In the results, it can be seen that on average, the values obtained from the objective functions are not affected, which allows the experiments to be reproduced on different machines. It is also appreciated that when using the CECAD machine the processing time decreases, which was sought to verify with this work.

It should be noted that in this work that the effects of the parameters of the algorithms on the objective function were not closely analyzed, since we sought to observe that the same result was obtained on average for the two machines used. In order to carry out performance tests between algorithms, we first seek to establish the most appropriate computing system.

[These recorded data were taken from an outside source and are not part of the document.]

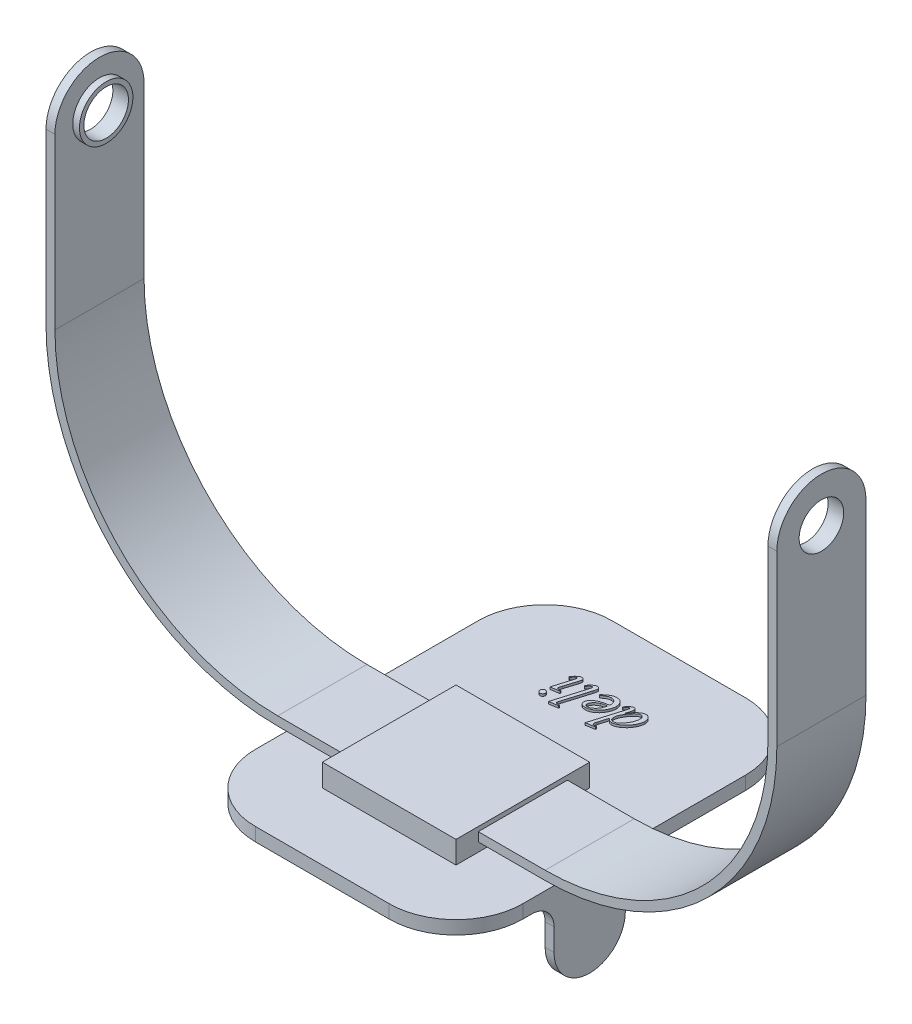
from build123d import *

# Parameters (mm, degrees)
BOSS_EXTRUDE1_DEPTH     = 3
SKETCH2_W               = 30
SKETCH2_H               = 5
BOSS_EXTRUDE2_DEPTH     = 15
BOSS_EXTRUDE3_DEPTH     = 10
BOSS_EXTRUDE4_START     = -82
SKETCH_4_2_R            = 10
BOSS_EXTRUDE4_DEPTH     = 2
BOSS_EXTRUDE5_START     = 80
SKETCH_4_2_2_R          = 10
BOSS_EXTRUDE5_DEPTH     = 2
CUT_EXTRUDE1_DEPTH      = 143.298981022
CUT_EXTRUDE1_DEPTH_BACK = 143.298981022
SKETCH5_R               = 5
SKETCH_6_2_R            = 6
SKETCH_6_2_R_2          = 5
BOSS_EXTRUDE6_DEPTH     = 1.5
BOSS_EXTRUDE7_START     = 158.5
SKETCH_6_2_2_R          = 6
SKETCH_6_2_2_R_2        = 5
BOSS_EXTRUDE7_DEPTH     = 1.5
BOSS_EXTRUDE8_START     = 30
BOSS_EXTRUDE8_DEPTH     = 2
BOSS_EXTRUDE9_START     = -28
BOSS_EXTRUDE9_DEPTH     = 2
BOSS_EXTRUDE10_START    = 28
SKETCH_8_2_R            = 5
BOSS_EXTRUDE10_DEPTH    = 2
BOSS_EXTRUDE11_START    = -26
SKETCH_8_2_2_R          = 5
BOSS_EXTRUDE11_DEPTH    = 2
FILLET1_R               = 5
SKETCH9_R               = 2.5
CUT_EXTRUDE4_DEPTH      = 27
BOSS_EXTRUDE12_DEPTH    = 0.5
BOSS_EXTRUDE12_2_DEPTH  = 0.5
BOSS_EXTRUDE12_3_DEPTH  = 0.5
BOSS_EXTRUDE12_4_DEPTH  = 0.5
BOSS_EXTRUDE12_5_DEPTH  = 0.5


with BuildPart() as part:
    # Sketch1 → Boss-Extrude1 (new body)
    with BuildSketch(Plane(origin=(0, 0, 0), x_dir=(1, 0, 0), z_dir=(0, 1, 0))):
        with BuildLine():
            Line((-15, 50), (15, 50))
            ThreePointArc((15, 50), (25.606601718, 45.606601718), (30, 35))
            Line((30, 35), (30, -15))
            ThreePointArc((30, -15), (25.606601718, -25.606601718), (15, -30))
            Line((15, -30), (-15, -30))
            ThreePointArc((-15, -30), (-25.606601718, -25.606601718), (-30, -15))
            Line((-30, -15), (-30, 35))
            ThreePointArc((-30, 35), (-25.606601718, 45.606601718), (-15, 50))
        make_face()
    extrude(amount=BOSS_EXTRUDE1_DEPTH)

    # Sketch2 → Boss-Extrude2 (add, symmetric)
    with BuildSketch(Plane.XY):
        with Locations((0, 5.5)):
            Rectangle(SKETCH2_W, SKETCH2_H)
    extrude(amount=BOSS_EXTRUDE2_DEPTH, both=True)

    # Sketch3 → Boss-Extrude3 (add, symmetric)
    with BuildSketch(Plane.XY):
        with BuildLine():
            Line((-15, 5), (-30, 5))
            ThreePointArc((-30, 5), (-66.769552622, 20.230447378), (-82, 57))
            Line((-82, 57), (-82, 95))
            Line((-82, 95), (-80, 95))
            Line((-80, 95), (-80, 57))
            ThreePointArc((-80, 57), (-65.355339059, 21.644660941), (-30, 7))
            Line((-30, 7), (-15, 7))
            Line((-15, 7), (-15, 5))
        make_face()
        with BuildLine():
            Line((15, 5), (15, 7))
            Line((15, 7), (30, 7))
            ThreePointArc((30, 7), (65.355339059, 21.644660941), (80, 57))
            Line((80, 57), (80, 95))
            Line((80, 95), (82, 95))
            Line((82, 95), (82, 57))
            ThreePointArc((82, 57), (66.769552622, 20.230447378), (30, 5))
            Line((30, 5), (15, 5))
        make_face()
    extrude(amount=BOSS_EXTRUDE3_DEPTH, both=True)

    # Sketch 4_2 → Boss-Extrude4 (add)
    with BuildSketch(Plane(origin=(0, 0, 0), x_dir=(0, 0, -1), z_dir=(1, 0, 0)).offset(BOSS_EXTRUDE4_START)):
        with Locations((0, 95)):
            Circle(SKETCH_4_2_R)
    extrude(amount=BOSS_EXTRUDE4_DEPTH)

    # Sketch 4_2 2 → Boss-Extrude5 (add)
    with BuildSketch(Plane(origin=(0, 0, 0), x_dir=(0, 0, -1), z_dir=(1, 0, 0)).offset(BOSS_EXTRUDE5_START)):
        with Locations((0, 95)):
            Circle(SKETCH_4_2_2_R)
    extrude(amount=BOSS_EXTRUDE5_DEPTH)

    # Sketch5 → Cut-Extrude1 (cut, two sides: drawn at the far end of the back side and taken through both)
    with BuildSketch(Plane(origin=(0, 0, 0), x_dir=(0, 0, -1), z_dir=(1, 0, 0)).offset(-CUT_EXTRUDE1_DEPTH_BACK)):
        with Locations((0, 95)):
            Circle(SKETCH5_R)
    extrude(amount=CUT_EXTRUDE1_DEPTH + CUT_EXTRUDE1_DEPTH_BACK, mode=Mode.SUBTRACT)

    # Sketch 6_2 → Boss-Extrude6 (add)
    with BuildSketch(Plane.ZY.offset(-80)):
        with Locations(Location((0, 95, 0), (0, 0, 90))):
            Circle(SKETCH_6_2_R)
        with Locations(Location((0, 95, 0), (0, 0, 180))):
            Circle(SKETCH_6_2_R_2, mode=Mode.SUBTRACT)
    extrude(amount=BOSS_EXTRUDE6_DEPTH)

    # Sketch 6_2 2 → Boss-Extrude7 (add)
    with BuildSketch(Plane.ZY.offset(-80).offset(BOSS_EXTRUDE7_START)):
        with Locations(Location((0, 95, 0), (0, 0, 90))):
            Circle(SKETCH_6_2_2_R)
        with Locations(Location((0, 95, 0), (0, 0, 180))):
            Circle(SKETCH_6_2_2_R_2, mode=Mode.SUBTRACT)
    extrude(amount=BOSS_EXTRUDE7_DEPTH)

    # Sketch 7_2 → Boss-Extrude8 (add)
    with BuildSketch(Plane(origin=(0, 0, 0), x_dir=(0, 0, -1), z_dir=(1, 0, 0)).offset(BOSS_EXTRUDE8_START)):
        with BuildLine():
            Line((-8, 0), (-8, -10))
            ThreePointArc((-8, -10), (0, -18), (8, -10))
            Line((8, -10), (8, 0))
            Line((8, 0), (-8, 0))
        make_face()
    extrude(amount=-BOSS_EXTRUDE8_DEPTH)

    # Sketch 7_2 2 → Boss-Extrude9 (add)
    with BuildSketch(Plane(origin=(0, 0, 0), x_dir=(0, 0, -1), z_dir=(1, 0, 0)).offset(BOSS_EXTRUDE9_START)):
        with BuildLine():
            Line((-8, 0), (-8, -10))
            ThreePointArc((-8, -10), (0, -18), (8, -10))
            Line((8, -10), (8, 0))
            Line((8, 0), (-8, 0))
        make_face()
    extrude(amount=-BOSS_EXTRUDE9_DEPTH)

    # Sketch 8_2 → Boss-Extrude10 (add)
    with BuildSketch(Plane(origin=(0, 0, 0), x_dir=(0, 0, -1), z_dir=(1, 0, 0)).offset(BOSS_EXTRUDE10_START)):
        with Locations(Location((0, -10, 0), (0, 0, 180))):
            Circle(SKETCH_8_2_R)
    extrude(amount=-BOSS_EXTRUDE10_DEPTH)

    # Sketch 8_2 2 → Boss-Extrude11 (add)
    with BuildSketch(Plane(origin=(0, 0, 0), x_dir=(0, 0, -1), z_dir=(1, 0, 0)).offset(BOSS_EXTRUDE11_START)):
        with Locations(Location((0, -10, 0), (0, 0, 180))):
            Circle(SKETCH_8_2_2_R)
    extrude(amount=-BOSS_EXTRUDE11_DEPTH)

    # Fillet1
    fillet1_edges = [part.edges().sort_by_distance(p)[0] for p in [
        (29, 0, -8),
        (29, 0, 8),
        (-29, 0, -8),
        (-29, 0, 8),
    ]]
    fillet(fillet1_edges, radius=FILLET1_R)

    # Sketch9 → Cut-Extrude4 (cut, symmetric)
    with BuildSketch(Plane(origin=(0, 0, 0), x_dir=(0, 0, -1), z_dir=(1, 0, 0))):
        with Locations((0, -10)):
            Circle(SKETCH9_R)
    extrude(amount=CUT_EXTRUDE4_DEPTH, both=True, mode=Mode.SUBTRACT)


with BuildPart() as body_2:
    # Sketch10 → Boss-Extrude12 (new body)
    with BuildSketch(Plane(origin=(0, 3, 0), x_dir=(1, 0, 0), z_dir=(0, 1, 0))):
        with BuildLine():
            add(Edge.make_bspline(
                [(-8.5, 27.333333333), (-8.541420185, 27.334812978), (-8.622373784, 27.337704865), (-8.736932892, 27.375906898), (-8.844424619, 27.428880052), (-8.936084754, 27.50835969), (-9.015564392, 27.600019826), (-9.068537547, 27.707511552), (-9.106739579, 27.82207066), (-9.109631467, 27.903024259), (-9.111111111, 27.944444444)],
                knots=[0, 0, 0, 0, 1.028598998, 2.010343287, 2.985271304, 4, 5.014728696, 5.989656713, 6.971401002, 8, 8, 8, 8], degree=3))
            add(Edge.make_bspline(
                [(-9.111111111, 27.944444444), (-9.108646384, 27.985182003), (-9.103842649, 28.064579182), (-9.069536389, 28.179728438), (-9.011227173, 28.284342378), (-8.932445255, 28.377966561), (-8.839646955, 28.456925089), (-8.73365261, 28.513832493), (-8.619904173, 28.550625499), (-8.540210548, 28.553902233), (-8.5, 28.555555556)],
                knots=[0, 0, 0, 0, 1.019615011, 1.987221587, 2.979692095, 3.998482675, 5.037687838, 6.010490816, 6.996164956, 8, 8, 8, 8], degree=3))
            add(Edge.make_bspline(
                [(-8.5, 28.555555556), (-8.459159441, 28.554062369), (-8.379341087, 28.551144101), (-8.265670403, 28.5128723), (-8.158837731, 28.458186193), (-8.067859872, 28.376584572), (-7.986258252, 28.285606713), (-7.931572144, 28.178774041), (-7.893300344, 28.065103357), (-7.890382076, 27.985285004), (-7.888888889, 27.944444444)],
                knots=[0, 0, 0, 0, 1.01730782, 1.988215549, 2.972847037, 4, 5.027152963, 6.011784451, 6.98269218, 8, 8, 8, 8], degree=3))
            add(Edge.make_bspline(
                [(-7.888888889, 27.944444444), (-7.890601218, 27.903104611), (-7.893940971, 27.822474766), (-7.928826842, 27.706673368), (-7.984962877, 27.600574964), (-8.063689528, 27.508193303), (-8.15536551, 27.429519959), (-8.262116951, 27.375062603), (-8.377174147, 27.338017063), (-8.458614823, 27.334911478), (-8.5, 27.333333333)],
                knots=[0, 0, 0, 0, 1.028140666, 2.005301341, 2.986502084, 4.000778629, 5.015055174, 5.976752111, 6.971859334, 8, 8, 8, 8], degree=3))
        make_face()
    extrude(amount=BOSS_EXTRUDE12_DEPTH)


with BuildPart() as body_3:
    # Sketch10 → Boss-Extrude12 2 (new body)
    with BuildSketch(Plane(origin=(0, 3, 0), x_dir=(1, 0, 0), z_dir=(0, 1, 0))):
        with BuildLine():
            Line((-8.585069444, 29.666666667), (-7.355902778, 33.802083333))
            add(Edge.make_bspline(
                [(-7.355902778, 33.802083333), (-7.336641834, 33.864396865), (-7.302367458, 33.975282264), (-7.266778457, 34.122567392), (-7.237721808, 34.226419245), (-7.232745277, 34.282905944), (-7.230902778, 34.303819444)],
                knots=[0, 0, 0, 0, 1.510565239, 2.688013749, 3.514253344, 4, 4, 4, 4], degree=3))
            add(Edge.make_bspline(
                [(-7.230902778, 34.303819444), (-7.232499568, 34.331792064), (-7.235560335, 34.385410663), (-7.279358856, 34.450998375), (-7.336872099, 34.499266152), (-7.38459256, 34.504418606), (-7.407986111, 34.506944444)],
                knots=[0, 0, 0, 0, 1.10317457, 2.11459187, 3.07573415, 4, 4, 4, 4], degree=3))
            add(Edge.make_bspline(
                [(-7.407986111, 34.506944444), (-7.438889271, 34.501321301), (-7.512022319, 34.488014001), (-7.57153679, 34.442784154), (-7.605902778, 34.416666667)],
                knots=[0, 0, 0, 0, 0.845121608, 2, 2, 2, 2], degree=3))
            add(Edge.make_bspline(
                [(-7.605902778, 34.416666667), (-7.659490786, 34.369589121), (-7.771584476, 34.271113809), (-7.928409803, 34.096916777), (-8.08743216, 33.896358008), (-8.187323661, 33.748978634), (-8.239583333, 33.671875)],
                knots=[0, 0, 0, 0, 0.871693875, 1.823381532, 2.861270808, 4, 4, 4, 4], degree=3))
            Line((-8.239583333, 33.671875), (-8.444444444, 33.805555556))
            add(Edge.make_bspline(
                [(-8.444444444, 33.805555556), (-8.380580766, 33.903281075), (-8.254738652, 34.095847277), (-8.042288813, 34.361978639), (-7.812479845, 34.602601835), (-7.644316334, 34.742828195), (-7.560763889, 34.8125)],
                knots=[0, 0, 0, 0, 1.040132415, 2.049560354, 3.030919369, 4, 4, 4, 4], degree=3))
            add(Edge.make_bspline(
                [(-7.560763889, 34.8125), (-7.500015929, 34.85773527), (-7.384375719, 34.943845423), (-7.20079883, 35.038480527), (-7.020527173, 35.098874143), (-6.90030187, 35.107115508), (-6.842013889, 35.111111111)],
                knots=[0, 0, 0, 0, 1.145591956, 2.180756243, 3.117988943, 4, 4, 4, 4], degree=3))
            add(Edge.make_bspline(
                [(-6.842013889, 35.111111111), (-6.806003893, 35.10940655), (-6.736576224, 35.106120136), (-6.636409075, 35.081738802), (-6.547396613, 35.037883132), (-6.470732424, 34.978241396), (-6.406982687, 34.907007436), (-6.362129247, 34.824215594), (-6.332148703, 34.733502142), (-6.329488644, 34.669805846), (-6.328125, 34.637152778)],
                knots=[0, 0, 0, 0, 1.105122397, 2.130688156, 3.139809048, 4.127749477, 5.097143713, 6.051441518, 7.001097123, 8, 8, 8, 8], degree=3))
            add(Edge.make_bspline(
                [(-6.328125, 34.637152778), (-6.330771912, 34.594231017), (-6.336859573, 34.495514801), (-6.369586849, 34.32975544), (-6.419979127, 34.127010951), (-6.465051562, 33.980683792), (-6.489583333, 33.901041667)],
                knots=[0, 0, 0, 0, 0.682294175, 1.56921566, 2.676986339, 4, 4, 4, 4], degree=3))
            Line((-6.489583333, 33.901041667), (-7.324652778, 31.222222222))
            add(Edge.make_bspline(
                [(-7.324652778, 31.222222222), (-7.339215054, 31.173059431), (-7.366939427, 31.07946091), (-7.404960277, 30.945731883), (-7.438456834, 30.826788212), (-7.464132617, 30.721795974), (-7.486019038, 30.631820439), (-7.499266075, 30.555734031), (-7.5090628, 30.494439571), (-7.511218086, 30.458356587), (-7.512152778, 30.442708333)],
                knots=[0, 0, 0, 0, 1.532168456, 2.917017096, 4.154648942, 5.224165243, 6.147037692, 6.920406562, 7.531808337, 8, 8, 8, 8], degree=3))
            add(Edge.make_bspline(
                [(-7.512152778, 30.442708333), (-7.511384228, 30.422874614), (-7.509882235, 30.384113149), (-7.491207849, 30.329294302), (-7.463127777, 30.279069294), (-7.422918657, 30.23627543), (-7.373743693, 30.200506521), (-7.314660272, 30.176777718), (-7.248551163, 30.160558141), (-7.201496508, 30.158864708), (-7.177083333, 30.157986111)],
                knots=[0, 0, 0, 0, 0.960320695, 1.876775426, 2.784115297, 3.739891537, 4.708011502, 5.716578817, 6.815301896, 8, 8, 8, 8], degree=3))
            add(Edge.make_bspline(
                [(-7.177083333, 30.157986111), (-7.150439511, 30.158808106), (-7.085964861, 30.160797228), (-6.972545176, 30.174750906), (-6.826226464, 30.195604448), (-6.717570824, 30.212795159), (-6.657986111, 30.222222222)],
                knots=[0, 0, 0, 0, 0.610863574, 1.478211924, 2.617098769, 4, 4, 4, 4], degree=3))
            Line((-6.657986111, 30.222222222), (-6.657986111, 30))
            Line((-6.657986111, 30), (-8.585069444, 29.666666667))
        make_face()
    extrude(amount=BOSS_EXTRUDE12_2_DEPTH)


with BuildPart() as body_4:
    # Sketch10 → Boss-Extrude12 3 (new body)
    with BuildSketch(Plane(origin=(0, 3, 0), x_dir=(1, 0, 0), z_dir=(0, 1, 0))):
        with BuildLine():
            Line((-5.918402778, 26.666666667), (-3.845486111, 33.645833333))
            add(Edge.make_bspline(
                [(-3.845486111, 33.645833333), (-3.833861782, 33.686907898), (-3.811608596, 33.765539522), (-3.780998638, 33.87666148), (-3.753680465, 33.975311461), (-3.734105637, 34.06140897), (-3.715343781, 34.135063714), (-3.70399099, 34.195999289), (-3.695502075, 34.244560262), (-3.694765106, 34.27254557), (-3.694444444, 34.284722222)],
                knots=[0, 0, 0, 0, 1.557950218, 2.982482127, 4.206953031, 5.292990824, 6.204869726, 6.979465914, 7.555956673, 8, 8, 8, 8], degree=3))
            add(Edge.make_bspline(
                [(-3.694444444, 34.284722222), (-3.696747268, 34.312124756), (-3.701293522, 34.366223076), (-3.748623623, 34.433229722), (-3.8132144, 34.482632309), (-3.866076892, 34.487274934), (-3.892361111, 34.489583333)],
                knots=[0, 0, 0, 0, 1.025489341, 2.024529968, 3.017759354, 4, 4, 4, 4], degree=3))
            add(Edge.make_bspline(
                [(-3.892361111, 34.489583333), (-3.932779005, 34.484248977), (-4.022520172, 34.472404933), (-4.09649497, 34.419630646), (-4.137152778, 34.390625)],
                knots=[0, 0, 0, 0, 0.900765954, 2, 2, 2, 2], degree=3))
            add(Edge.make_bspline(
                [(-4.137152778, 34.390625), (-4.190882826, 34.346041128), (-4.304544913, 34.251727124), (-4.463137323, 34.076831543), (-4.630239681, 33.873633443), (-4.734982313, 33.720801181), (-4.789930556, 33.640625)],
                knots=[0, 0, 0, 0, 0.838448543, 1.773678133, 2.832066056, 4, 4, 4, 4], degree=3))
            Line((-4.789930556, 33.640625), (-5.012152778, 33.819444444))
            add(Edge.make_bspline(
                [(-5.012152778, 33.819444444), (-4.966374089, 33.881763763), (-4.87746311, 34.002799813), (-4.739435572, 34.172525292), (-4.606549827, 34.329003896), (-4.475897574, 34.470599514), (-4.347390274, 34.596944352), (-4.222935406, 34.710824247), (-4.099526874, 34.808342595), (-4.015954375, 34.865045329), (-3.975694444, 34.892361111)],
                knots=[0, 0, 0, 0, 1.237412522, 2.403292069, 3.50032817, 4.522768916, 5.485533148, 6.38395291, 7.221490987, 8, 8, 8, 8], degree=3))
            add(Edge.make_bspline(
                [(-3.975694444, 34.892361111), (-3.919115386, 34.925562868), (-3.810117895, 34.989524841), (-3.641320815, 35.05978944), (-3.475454595, 35.102137894), (-3.365964105, 35.10816707), (-3.3125, 35.111111111)],
                knots=[0, 0, 0, 0, 1.112232707, 2.142675722, 3.093070267, 4, 4, 4, 4], degree=3))
            add(Edge.make_bspline(
                [(-3.3125, 35.111111111), (-3.276409209, 35.109719652), (-3.205967288, 35.107003804), (-3.105361253, 35.077600481), (-3.013576852, 35.032500215), (-2.934166202, 34.969533008), (-2.869143099, 34.896352575), (-2.820093084, 34.815524926), (-2.788995971, 34.72849685), (-2.786141632, 34.667490239), (-2.784722222, 34.637152778)],
                knots=[0, 0, 0, 0, 1.098796497, 2.144628464, 3.171642199, 4.203506084, 5.217216168, 6.144259147, 7.077174325, 8, 8, 8, 8], degree=3))
            add(Edge.make_bspline(
                [(-2.784722222, 34.637152778), (-2.785640561, 34.616880769), (-2.78766688, 34.572150475), (-2.796879424, 34.497897174), (-2.813344387, 34.410137743), (-2.833081455, 34.307147518), (-2.86462809, 34.191698432), (-2.896536972, 34.060348313), (-2.93642061, 33.915607505), (-2.966797255, 33.814750444), (-2.982638889, 33.762152778)],
                knots=[0, 0, 0, 0, 0.54157402, 1.194985938, 1.995025139, 2.925138508, 3.99297548, 5.188202046, 6.533627604, 8, 8, 8, 8], degree=3))
            Line((-2.982638889, 33.762152778), (-4.65625, 28.222222222))
            add(Edge.make_bspline(
                [(-4.65625, 28.222222222), (-4.671213689, 28.171851415), (-4.699420561, 28.076901375), (-4.740506513, 27.943139826), (-4.772070085, 27.825674077), (-4.801437835, 27.726136505), (-4.821296141, 27.642968594), (-4.838086406, 27.576792098), (-4.846855826, 27.527386388), (-4.849635481, 27.5000121), (-4.850694444, 27.489583333)],
                knots=[0, 0, 0, 0, 1.662132792, 3.133155605, 4.425573519, 5.509286808, 6.414969554, 7.129803733, 7.668481851, 8, 8, 8, 8], degree=3))
            add(Edge.make_bspline(
                [(-4.850694444, 27.489583333), (-4.849515113, 27.467958678), (-4.847223044, 27.425930468), (-4.824331735, 27.366104065), (-4.789510124, 27.311689246), (-4.739324236, 27.263724428), (-4.674223424, 27.225252155), (-4.593365056, 27.20054455), (-4.499646441, 27.182392505), (-4.43182031, 27.181192337), (-4.395833333, 27.180555556)],
                knots=[0, 0, 0, 0, 0.837269546, 1.627260187, 2.45724371, 3.33234812, 4.300800159, 5.36796539, 6.603503304, 8, 8, 8, 8], degree=3))
            add(Edge.make_bspline(
                [(-4.395833333, 27.180555556), (-4.370365971, 27.181597106), (-4.314166503, 27.183895521), (-4.220780737, 27.190534828), (-4.111045318, 27.205588792), (-4.031825689, 27.216437406), (-3.989583333, 27.222222222)],
                knots=[0, 0, 0, 0, 0.748511941, 1.651760119, 2.747845874, 4, 4, 4, 4], degree=3))
            Line((-3.989583333, 27.222222222), (-3.989583333, 27))
            Line((-3.989583333, 27), (-5.918402778, 26.666666667))
        make_face()
    extrude(amount=BOSS_EXTRUDE12_3_DEPTH)


with BuildPart() as body_5:
    # Sketch10 → Boss-Extrude12 4 (new body)
    with BuildSketch(Plane(origin=(0, 3, 0), x_dir=(1, 0, 0), z_dir=(0, 1, 0))):
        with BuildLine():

Although we observed the advantage that the virtualized distributed processing system has for the execution of the algorithms considered, only one possible configuration offered by CECAD was used, which was limited to the requests of the researchers at the time of executing the algorithms. To consider this aspect in additional work, the availability of resources held in CECAD for an average researcher as well as the time allocated for their use can be included in the study. About this, it is necessary to take in account the request in the way that the administration can manage these resources and not leave other researchers without access.

For further research, the report [50,51] can be taken as a reference since greater size and complexity of the test functions can be considered for testing the efficacy of the distributed system. In the first place, the report [50] can be considered for the testing of bio-inspired algorithms using parallel PC cluster systems for large-scale multimodal functions; secondly, the functions discussed in [51] can be used to observe the problem complexity.

Considering the restrictions of CECAD for extending this work, other computing systems can be considered, such as a non-homogeneous cluster of PCs; and a cluster with mini PCs, such as small single-board computers like Raspberry Pi. Additionally, we could consider evaluate various ways of distributing the execution of bio-inspired optimization algorithms.

10. Conclusions

Aiming at a wide range of experiments, the tests were performed with three bio-inspired algorithms under different parameter configurations using eight test functions which had different characteristics. To have comparable results, the well-known bio-inspired optimization algorithms GA, DE, and PSO were used.

The results showed that the value of the target function is not affected by the distributed virtualization scheme, while the run-time is reduced by using the distributed virtualization system. Thus, the algorithms can be executed on different machines without affecting the result.

Distributed and virtualization technologies can optimize performance and simplify the management of the information infrastructure, as they do when running bio-inspired optimization algorithms. As seen in the results, the processing time decreases when using the CECAD.

In the development of this work it was observed that the distributed virtualization system under consideration is an adequate platform for the execution of bio-inspired optimization algorithms. However, in the case of CECAD, the amount of resources and the computing capacity are subjected to the number of requests made by the researchers.